Entrée libre ; pas de créneau imposé pour les collections permanentes. Les expositions temporaires sont payantes et souvent complètes des mois à l'avance — réservation en ligne recommandée. Ouvert tous les jours de 10 h à 17 h, jusqu'à 20 h 30 le vendredi ; dernière admission 30 minutes avant la fermeture. Qui arrive à l'ouverture dispose des salles — notamment la salle 4 pour la pierre de Rosette et la salle 18 pour les Marbres du Parthénon — avant l'arrivée des groupes scolaires pendant une bonne heure et demie.

Le café principal se trouve dans la Great Court ; un restaurant est aménagé en sous-sol. La Great Court Gallery propose des expositions temporaires. La bibliothèque du musée (désormais British Library à St Pancras) a été séparée en 1997 ; l'ancienne Reading Room est toutefois accessible aux visiteurs.

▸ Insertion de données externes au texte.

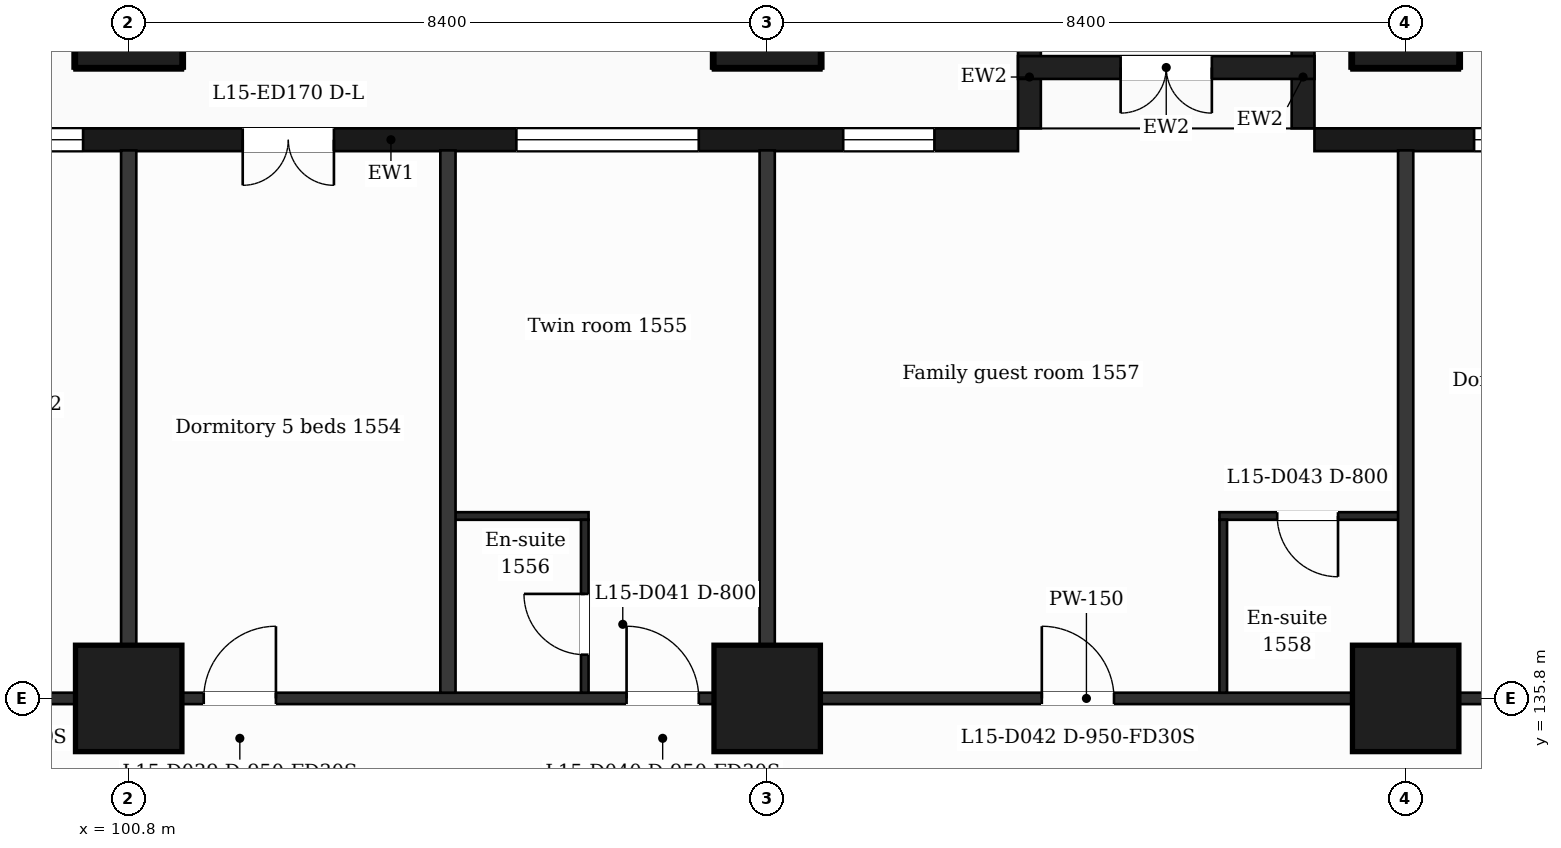
"""IFC4 building model, lengths in metres.
Left out: names, types, materials, properties, quantities, classifications, styles, units other than length and angle.
Written with IfcOpenShell. Run it as: python <this file> out.ifc"""

import sys

from ifc_helpers import new_model, si_unit, direction, frame, frame_2d, origin, origin_2d, place, context, subcontext, project, spatial, rectangle, extrude, element, fill, save


model = new_model("IFC4")
c1 = context("Model", 3, precision=1e-05, world=origin(), true_north=direction((0.0, 1.0)))
c2 = subcontext(c1, "Body", "Model", "MODEL_VIEW")
j1 = project(units=[si_unit("LENGTHUNIT", "METRE"), si_unit("PLANEANGLEUNIT", "RADIAN")], contexts=[c1])
p1 = place(None, origin())
s1 = spatial("IfcSite", under=j1, at=p1, CompositionType="ELEMENT")
p2 = place(p1, origin())
s2 = spatial("IfcBuilding", under=s1, at=p2, CompositionType="ELEMENT")
p3 = place(p2, frame((0.0, 0.0, 70.5)))
s3 = spatial("IfcBuildingStorey", under=s2, at=p3, CompositionType="ELEMENT", Elevation=70.5)
for number, where, z_axis, x_axis in (
    (1, (100.8, 135.8, 0.0), (0.0, 0.0, 1.0), (1.0, 0.0, 0.0)),
    (2, (109.2, 135.8, 0.0), (0.0, 0.0, 1.0), (1.0, 0.0, 0.0)),
    (3, (117.6, 135.8, 0.0), (0.0, 0.0, 1.0), (1.0, 0.0, 0.0)),
    (4, (100.8, 144.8, 0.0), (0.0, 0.0, 1.0), (1.0, 0.0, 0.0)),
    (5, (109.2, 144.8, 0.0), (0.0, 0.0, 1.0), (1.0, 0.0, 0.0)),
    (6, (117.6, 144.8, 0.0), (0.0, 0.0, 1.0), (1.0, 0.0, 0.0)),
):
    element("IfcColumn", number, at=place(p3, frame(where, z_axis=z_axis, x_axis=x_axis)), inside=s3, PredefinedType="COLUMN", context=c2, shape_type="SweptSolid", body=[
        extrude(rectangle(XDim=1.4, YDim=1.4, at=origin_2d()), origin(), (0.0, 0.0, 1.0), 3.5),
    ])
p4 = place(p3, frame((130.65, 143.15, 0.0), z_axis=(0.0, 0.0, 1.0), x_axis=(-1.0, 0.0, 0.0)))
e7 = element("IfcWall", 7, at=p4, inside=s3, PredefinedType="SOLIDWALL", context=c2, shape_type="SweptSolid", body=[
    extrude(rectangle(XDim=14.25, YDim=0.3, at=frame_2d((7.125, 0.0))), origin(), (0.0, 0.0, 1.0), 3.18),
])
p5 = place(p4, frame((1.35, 0.0, 0.9)))
e8 = element("IfcOpeningElement", 8, at=p5, cuts=e7, PredefinedType="OPENING", context=c2, shape_type="SweptSolid", body=[
    extrude(rectangle(XDim=2.4, YDim=2.1, at=frame_2d((1.2, 1.05))), frame((0.0, 0.16, 0.0), z_axis=(0.0, -1.0, 0.0), x_axis=(1.0, 0.0, 0.0)), (0.0, 0.0, 1.0), 0.32),
])
p6 = place(p4, frame((6.15, 0.0, 0.0)))
e9 = element("IfcOpeningElement", 9, at=p6, cuts=e7, PredefinedType="OPENING", context=c2, shape_type="SweptSolid", body=[
    extrude(rectangle(XDim=1.2, YDim=2.4, at=frame_2d((0.6, 1.2))), frame((0.0, 0.16, 0.0), z_axis=(0.0, -1.0, 0.0), x_axis=(1.0, 0.0, 0.0)), (0.0, 0.0, 1.0), 0.32),
])
p7 = place(p4, frame((9.75, 0.0, 0.9)))
e10 = element("IfcOpeningElement", 10, at=p7, cuts=e7, PredefinedType="OPENING", context=c2, shape_type="SweptSolid", body=[
    extrude(rectangle(XDim=2.4, YDim=2.1, at=frame_2d((1.2, 1.05))), frame((0.0, 0.16, 0.0), z_axis=(0.0, -1.0, 0.0), x_axis=(1.0, 0.0, 0.0)), (0.0, 0.0, 1.0), 0.32),
])
p8 = place(p3, frame((112.5, 143.15, 0.0), z_axis=(0.0, 0.0, 1.0), x_axis=(-1.0, 0.0, 0.0)))
e11 = element("IfcWall", 11, at=p8, inside=s3, PredefinedType="SOLIDWALL", context=c2, shape_type="SweptSolid", body=[
    extrude(rectangle(XDim=16.5, YDim=0.3, at=frame_2d((8.25, 0.0))), origin(), (0.0, 0.0, 1.0), 3.18),
])
p9 = place(p8, frame((1.1, 0.0, 0.9)))
e12 = element("IfcOpeningElement", 12, at=p9, cuts=e11, PredefinedType="OPENING", context=c2, shape_type="SweptSolid", body=[
    extrude(rectangle(XDim=1.2, YDim=2.1, at=frame_2d((0.6, 1.05))), frame((0.0, 0.16, 0.0), z_axis=(0.0, -1.0, 0.0), x_axis=(1.0, 0.0, 0.0)), (0.0, 0.0, 1.0), 0.32),
])
p10 = place(p8, frame((4.2, 0.0, 0.9)))
e13 = element("IfcOpeningElement", 13, at=p10, cuts=e11, PredefinedType="OPENING", context=c2, shape_type="SweptSolid", body=[
    extrude(rectangle(XDim=2.4, YDim=2.1, at=frame_2d((1.2, 1.05))), frame((0.0, 0.16, 0.0), z_axis=(0.0, -1.0, 0.0), x_axis=(1.0, 0.0, 0.0)), (0.0, 0.0, 1.0), 0.32),
])
p11 = place(p8, frame((9.0, 0.0, 0.0)))
e14 = element("IfcOpeningElement", 14, at=p11, cuts=e11, PredefinedType="OPENING", context=c2, shape_type="SweptSolid", body=[
    extrude(rectangle(XDim=1.2, YDim=2.4, at=frame_2d((0.6, 1.2))), frame((0.0, 0.16, 0.0), z_axis=(0.0, -1.0, 0.0), x_axis=(1.0, 0.0, 0.0)), (0.0, 0.0, 1.0), 0.32),
])
p12 = place(p8, frame((12.3, 0.0, 0.9)))
e15 = element("IfcOpeningElement", 15, at=p12, cuts=e11, PredefinedType="OPENING", context=c2, shape_type="SweptSolid", body=[
    extrude(rectangle(XDim=1.2, YDim=2.1, at=frame_2d((0.6, 1.05))), frame((0.0, 0.16, 0.0), z_axis=(0.0, -1.0, 0.0), x_axis=(1.0, 0.0, 0.0)), (0.0, 0.0, 1.0), 0.32),
])
p13 = place(p8, frame((14.1, 0.0, 0.9)))
e16 = element("IfcOpeningElement", 16, at=p13, cuts=e11, PredefinedType="OPENING", context=c2, shape_type="SweptSolid", body=[
    extrude(rectangle(XDim=1.2, YDim=2.1, at=frame_2d((0.6, 1.05))), frame((0.0, 0.16, 0.0), z_axis=(0.0, -1.0, 0.0), x_axis=(1.0, 0.0, 0.0)), (0.0, 0.0, 1.0), 0.32),
])
for number, where, z_axis, x_axis in (
    (17, (116.25, 143.3, 0.0), (0.0, 0.0, 1.0), (0.0, 1.0, 0.0)),
    (18, (112.65, 143.3, 0.0), (0.0, 0.0, 1.0), (0.0, 1.0, 0.0)),
):
    element("IfcWall", number, at=place(p3, frame(where, z_axis=z_axis, x_axis=x_axis)), inside=s3, PredefinedType="SOLIDWALL", context=c2, shape_type="SweptSolid", body=[
        extrude(rectangle(XDim=1.35, YDim=0.3, at=frame_2d((0.675, 0.0))), origin(), (0.0, 0.0, 1.0), 3.18),
    ])
p14 = place(p3, frame((116.4, 144.1, 0.0), z_axis=(0.0, 0.0, 1.0), x_axis=(-1.0, 0.0, 0.0)))
e19 = element("IfcWall", 19, at=p14, inside=s3, PredefinedType="SOLIDWALL", context=c2, shape_type="SweptSolid", body=[
    extrude(rectangle(XDim=3.9, YDim=0.3, at=frame_2d((1.95, 0.0))), origin(), (0.0, 0.0, 1.0), 3.18),
])
p15 = place(p14, frame((1.35, 0.0, 0.0)))
e20 = element("IfcOpeningElement", 20, at=p15, cuts=e19, PredefinedType="OPENING", context=c2, shape_type="SweptSolid", body=[
    extrude(rectangle(XDim=1.2, YDim=2.4, at=frame_2d((0.6, 1.2))), frame((0.0, 0.16, 0.0), z_axis=(0.0, -1.0, 0.0), x_axis=(1.0, 0.0, 0.0)), (0.0, 0.0, 1.0), 0.32),
])
p16 = place(p3, frame((90.895, 135.8, 0.0), z_axis=(0.0, 0.0, 1.0), x_axis=(1.0, 0.0, 0.0)))
e21 = element("IfcWall", 21, at=p16, inside=s3, PredefinedType="PARTITIONING", context=c2, shape_type="SweptSolid", body=[
    extrude(rectangle(XDim=45.011, YDim=0.15, at=frame_2d((22.505, 0.0))), origin(), (0.0, 0.0, 1.0), 3.18),
])
p17 = place(p16, frame((7.068, 0.0, 0.0)))
e22 = element("IfcOpeningElement", 22, at=p17, cuts=e21, PredefinedType="OPENING", context=c2, shape_type="SweptSolid", body=[
    extrude(rectangle(XDim=0.95, YDim=2.1, at=frame_2d((0.475, 1.05))), frame((0.0, 0.085, 0.0), z_axis=(0.0, -1.0, 0.0), x_axis=(1.0, 0.0, 0.0)), (0.0, 0.0, 1.0), 0.17),
])
p18 = place(p16, frame((10.892, 0.0, 0.0)))
e23 = element("IfcOpeningElement", 23, at=p18, cuts=e21, PredefinedType="OPENING", context=c2, shape_type="SweptSolid", body=[
    extrude(rectangle(XDim=0.95, YDim=2.1, at=frame_2d((0.475, 1.05))), frame((0.0, 0.085, 0.0), z_axis=(0.0, -1.0, 0.0), x_axis=(1.0, 0.0, 0.0)), (0.0, 0.0, 1.0), 0.17),
])
p19 = place(p16, frame((16.455, 0.0, 0.0)))
e24 = element("IfcOpeningElement", 24, at=p19, cuts=e21, PredefinedType="OPENING", context=c2, shape_type="SweptSolid", body=[
    extrude(rectangle(XDim=0.95, YDim=2.1, at=frame_2d((0.475, 1.05))), frame((0.0, 0.085, 0.0), z_axis=(0.0, -1.0, 0.0), x_axis=(1.0, 0.0, 0.0)), (0.0, 0.0, 1.0), 0.17),
])
p20 = place(p16, frame((21.918, 0.0, 0.0)))
e25 = element("IfcOpeningElement", 25, at=p20, cuts=e21, PredefinedType="OPENING", context=c2, shape_type="SweptSolid", body=[
    extrude(rectangle(XDim=0.95, YDim=2.1, at=frame_2d((0.475, 1.05))), frame((0.0, 0.085, 0.0), z_axis=(0.0, -1.0, 0.0), x_axis=(1.0, 0.0, 0.0)), (0.0, 0.0, 1.0), 0.17),
])
p21 = place(p16, frame((28.969, 0.0, 0.0)))
e26 = element("IfcOpeningElement", 26, at=p21, cuts=e21, PredefinedType="OPENING", context=c2, shape_type="SweptSolid", body=[
    extrude(rectangle(XDim=0.95, YDim=2.1, at=frame_2d((0.475, 1.05))), frame((0.0, 0.085, 0.0), z_axis=(0.0, -1.0, 0.0), x_axis=(1.0, 0.0, 0.0)), (0.0, 0.0, 1.0), 0.17),
])
p22 = place(p16, frame((32.531, 0.0, 0.0)))
e27 = element("IfcOpeningElement", 27, at=p22, cuts=e21, PredefinedType="OPENING", context=c2, shape_type="SweptSolid", body=[
    extrude(rectangle(XDim=0.95, YDim=2.1, at=frame_2d((0.475, 1.05))), frame((0.0, 0.085, 0.0), z_axis=(0.0, -1.0, 0.0), x_axis=(1.0, 0.0, 0.0)), (0.0, 0.0, 1.0), 0.17),
])
p23 = place(p16, frame((40.929, 0.0, 0.0)))
e28 = element("IfcOpeningElement", 28, at=p23, cuts=e21, PredefinedType="OPENING", context=c2, shape_type="SweptSolid", body=[
    extrude(rectangle(XDim=0.95, YDim=2.1, at=frame_2d((0.475, 1.05))), frame((0.0, 0.085, 0.0), z_axis=(0.0, -1.0, 0.0), x_axis=(1.0, 0.0, 0.0)), (0.0, 0.0, 1.0), 0.17),
])
p24 = place(p3, frame((105.0, 138.2, 0.0), z_axis=(0.0, 0.0, 1.0), x_axis=(1.0, 0.0, 0.0)))
e29 = element("IfcWall", 29, at=p24, inside=s3, PredefinedType="PARTITIONING", context=c2, shape_type="SweptSolid", body=[
    extrude(rectangle(XDim=1.85, YDim=0.1, at=frame_2d((0.925, 0.0))), origin(), (0.0, 0.0, 1.0), 3.18),
])
p25 = place(p3, frame((115.15, 138.2, 0.0), z_axis=(0.0, 0.0, 1.0), x_axis=(1.0, 0.0, 0.0)))
e30 = element("IfcWall", 30, at=p25, inside=s3, PredefinedType="PARTITIONING", context=c2, shape_type="SweptSolid", body=[
    extrude(rectangle(XDim=2.45, YDim=0.1, at=frame_2d((1.225, 0.0))), origin(), (0.0, 0.0, 1.0), 3.18),
])
p26 = place(p25, frame((0.76, 0.0, 0.0)))
e31 = element("IfcOpeningElement", 31, at=p26, cuts=e30, PredefinedType="OPENING", context=c2, shape_type="SweptSolid", body=[
    extrude(rectangle(XDim=0.8, YDim=2.1, at=frame_2d((0.4, 1.05))), frame((0.0, 0.06, 0.0), z_axis=(0.0, -1.0, 0.0), x_axis=(1.0, 0.0, 0.0)), (0.0, 0.0, 1.0), 0.12),
])
for number, where, z_axis, x_axis in (
    (32, (100.8, 135.875, 0.0), (0.0, 0.0, 1.0), (0.0, 1.0, 0.0)),
    (33, (105.0, 135.875, 0.0), (0.0, 0.0, 1.0), (0.0, 1.0, 0.0)),
):
    element("IfcWall", number, at=place(p3, frame(where, z_axis=z_axis, x_axis=x_axis)), inside=s3, PredefinedType="PARTITIONING", context=c2, shape_type="SweptSolid", body=[
        extrude(rectangle(XDim=7.135, YDim=0.2, at=frame_2d((3.567, 0.0))), origin(), (0.0, 0.0, 1.0), 3.18),
    ])
p27 = place(p3, frame((106.8, 135.875, 0.0), z_axis=(0.0, 0.0, 1.0), x_axis=(0.0, 1.0, 0.0)))
e34 = element("IfcWall", 34, at=p27, inside=s3, PredefinedType="PARTITIONING", context=c2, shape_type="SweptSolid", body=[
    extrude(rectangle(XDim=2.275, YDim=0.1, at=frame_2d((1.137, 0.0))), origin(), (0.0, 0.0, 1.0), 3.18),
])
p28 = place(p27, frame((0.5, 0.0, 0.0)))
e35 = element("IfcOpeningElement", 35, at=p28, cuts=e34, PredefinedType="OPENING", context=c2, shape_type="SweptSolid", body=[
    extrude(rectangle(XDim=0.8, YDim=2.1, at=frame_2d((0.4, 1.05))), frame((0.0, 0.06, 0.0), z_axis=(0.0, -1.0, 0.0), x_axis=(1.0, 0.0, 0.0)), (0.0, 0.0, 1.0), 0.12),
])
p29 = place(p3, frame((109.2, 135.875, 0.0), z_axis=(0.0, 0.0, 1.0), x_axis=(0.0, 1.0, 0.0)))
e36 = element("IfcWall", 36, at=p29, inside=s3, PredefinedType="PARTITIONING", context=c2, shape_type="SweptSolid", body=[
    extrude(rectangle(XDim=7.135, YDim=0.2, at=frame_2d((3.567, 0.0))), origin(), (0.0, 0.0, 1.0), 3.18),
])
p30 = place(p3, frame((115.2, 135.875, 0.0), z_axis=(0.0, 0.0, 1.0), x_axis=(0.0, 1.0, 0.0)))
e37 = element("IfcWall", 37, at=p30, inside=s3, PredefinedType="PARTITIONING", context=c2, shape_type="SweptSolid", body=[
    extrude(rectangle(XDim=2.275, YDim=0.1, at=frame_2d((1.137, 0.0))), origin(), (0.0, 0.0, 1.0), 3.18),
])
p31 = place(p3, frame((117.6, 135.875, 0.0), z_axis=(0.0, 0.0, 1.0), x_axis=(0.0, 1.0, 0.0)))
e38 = element("IfcWall", 38, at=p31, inside=s3, PredefinedType="PARTITIONING", context=c2, shape_type="SweptSolid", body=[
    extrude(rectangle(XDim=7.135, YDim=0.2, at=frame_2d((3.567, 0.0))), origin(), (0.0, 0.0, 1.0), 3.18),
])
p32 = place(p7, origin())
e39 = element("IfcWindow", 39, at=p32, inside=s3, PartitioningType="SINGLE_PANEL", PredefinedType="WINDOW", context=c2, shape_type="SweptSolid", body=[
    extrude(rectangle(XDim=2.4, YDim=2.1, at=frame_2d((1.2, 1.05))), frame((0.0, 0.03, 0.0), z_axis=(0.0, -1.0, 0.0), x_axis=(1.0, 0.0, 0.0)), (0.0, 0.0, 1.0), 0.06),
])
fill(e10, e39)
p33 = place(p9, origin())
e40 = element("IfcWindow", 40, at=p33, inside=s3, PartitioningType="SINGLE_PANEL", PredefinedType="WINDOW", context=c2, shape_type="SweptSolid", body=[
    extrude(rectangle(XDim=1.2, YDim=2.1, at=frame_2d((0.6, 1.05))), frame((0.0, 0.03, 0.0), z_axis=(0.0, -1.0, 0.0), x_axis=(1.0, 0.0, 0.0)), (0.0, 0.0, 1.0), 0.06),
])
fill(e12, e40)
p34 = place(p10, origin())
e41 = element("IfcWindow", 41, at=p34, inside=s3, PartitioningType="SINGLE_PANEL", PredefinedType="WINDOW", context=c2, shape_type="SweptSolid", body=[
    extrude(rectangle(XDim=2.4, YDim=2.1, at=frame_2d((1.2, 1.05))), frame((0.0, 0.03, 0.0), z_axis=(0.0, -1.0, 0.0), x_axis=(1.0, 0.0, 0.0)), (0.0, 0.0, 1.0), 0.06),
])
fill(e13, e41)
p35 = place(p11, origin())
e42 = element("IfcDoor", 42, at=p35, inside=s3, OperationType="DOUBLE_DOOR_SINGLE_SWING", PredefinedType="DOOR", context=c2, shape_type="SweptSolid", body=[
    extrude(rectangle(XDim=1.2, YDim=2.4, at=frame_2d((0.6, 1.2))), frame((0.0, 0.025, 0.0), z_axis=(0.0, -1.0, 0.0), x_axis=(1.0, 0.0, 0.0)), (0.0, 0.0, 1.0), 0.05),
])
fill(e14, e42)
p36 = place(p12, origin())
e43 = element("IfcWindow", 43, at=p36, inside=s3, PartitioningType="SINGLE_PANEL", PredefinedType="WINDOW", context=c2, shape_type="SweptSolid", body=[
    extrude(rectangle(XDim=1.2, YDim=2.1, at=frame_2d((0.6, 1.05))), frame((0.0, 0.03, 0.0), z_axis=(0.0, -1.0, 0.0), x_axis=(1.0, 0.0, 0.0)), (0.0, 0.0, 1.0), 0.06),
])
fill(e15, e43)
p37 = place(p15, origin())
e44 = element("IfcDoor", 44, at=p37, inside=s3, OperationType="DOUBLE_DOOR_SINGLE_SWING", PredefinedType="DOOR", context=c2, shape_type="SweptSolid", body=[
    extrude(rectangle(XDim=1.2, YDim=2.4, at=frame_2d((0.6, 1.2))), frame((0.0, 0.025, 0.0), z_axis=(0.0, -1.0, 0.0), x_axis=(1.0, 0.0, 0.0)), (0.0, 0.0, 1.0), 0.05),
])
fill(e20, e44)
p38 = place(p18, origin())
e45 = element("IfcDoor", 45, at=p38, inside=s3, OperationType="SINGLE_SWING_RIGHT", PredefinedType="DOOR", context=c2, shape_type="SweptSolid", body=[
    extrude(rectangle(XDim=0.95, YDim=2.1, at=frame_2d((0.475, 1.05))), frame((0.0, 0.025, 0.0), z_axis=(0.0, -1.0, 0.0), x_axis=(1.0, 0.0, 0.0)), (0.0, 0.0, 1.0), 0.05),
])
fill(e23, e45)
p39 = place(p19, origin())
e46 = element("IfcDoor", 46, at=p39, inside=s3, OperationType="SINGLE_SWING_LEFT", PredefinedType="DOOR", context=c2, shape_type="SweptSolid", body=[
    extrude(rectangle(XDim=0.95, YDim=2.1, at=frame_2d((0.475, 1.05))), frame((0.0, 0.025, 0.0), z_axis=(0.0, -1.0, 0.0), x_axis=(1.0, 0.0, 0.0)), (0.0, 0.0, 1.0), 0.05),
])
fill(e24, e46)
p40 = place(p28, origin())
e47 = element("IfcDoor", 47, at=p40, inside=s3, OperationType="SINGLE_SWING_RIGHT", PredefinedType="DOOR", context=c2, shape_type="SweptSolid", body=[
    extrude(rectangle(XDim=0.8, YDim=2.1, at=frame_2d((0.4, 1.05))), frame((0.0, 0.025, 0.0), z_axis=(0.0, -1.0, 0.0), x_axis=(1.0, 0.0, 0.0)), (0.0, 0.0, 1.0), 0.05),
])
fill(e35, e47)
p41 = place(p20, origin())
e48 = element("IfcDoor", 48, at=p41, inside=s3, OperationType="SINGLE_SWING_LEFT", PredefinedType="DOOR", context=c2, shape_type="SweptSolid", body=[
    extrude(rectangle(XDim=0.95, YDim=2.1, at=frame_2d((0.475, 1.05))), frame((0.0, 0.025, 0.0), z_axis=(0.0, -1.0, 0.0), x_axis=(1.0, 0.0, 0.0)), (0.0, 0.0, 1.0), 0.05),
])
fill(e25, e48)
p42 = place(p26, origin())
e49 = element("IfcDoor", 49, at=p42, inside=s3, OperationType="SINGLE_SWING_RIGHT", PredefinedType="DOOR", context=c2, shape_type="SweptSolid", body=[
    extrude(rectangle(XDim=0.8, YDim=2.1, at=frame_2d((0.4, 1.05))), frame((0.0, 0.025, 0.0), z_axis=(0.0, -1.0, 0.0), x_axis=(1.0, 0.0, 0.0)), (0.0, 0.0, 1.0), 0.05),
])
fill(e31, e49)
save(model, sys.argv[1])

Le musée est situé dans le quartier de Bloomsbury, une zone culturelle dense : le Dickens Museum, l'University of London et Bedford Square sont accessibles à pied. Un grand musée ne se résume pas à une seule visite. Revenir, varier l'heure, alterner salles canoniques et moins courues — et utiliser la carte pour articuler la prochaine visite avec d'autres lieux de la ville.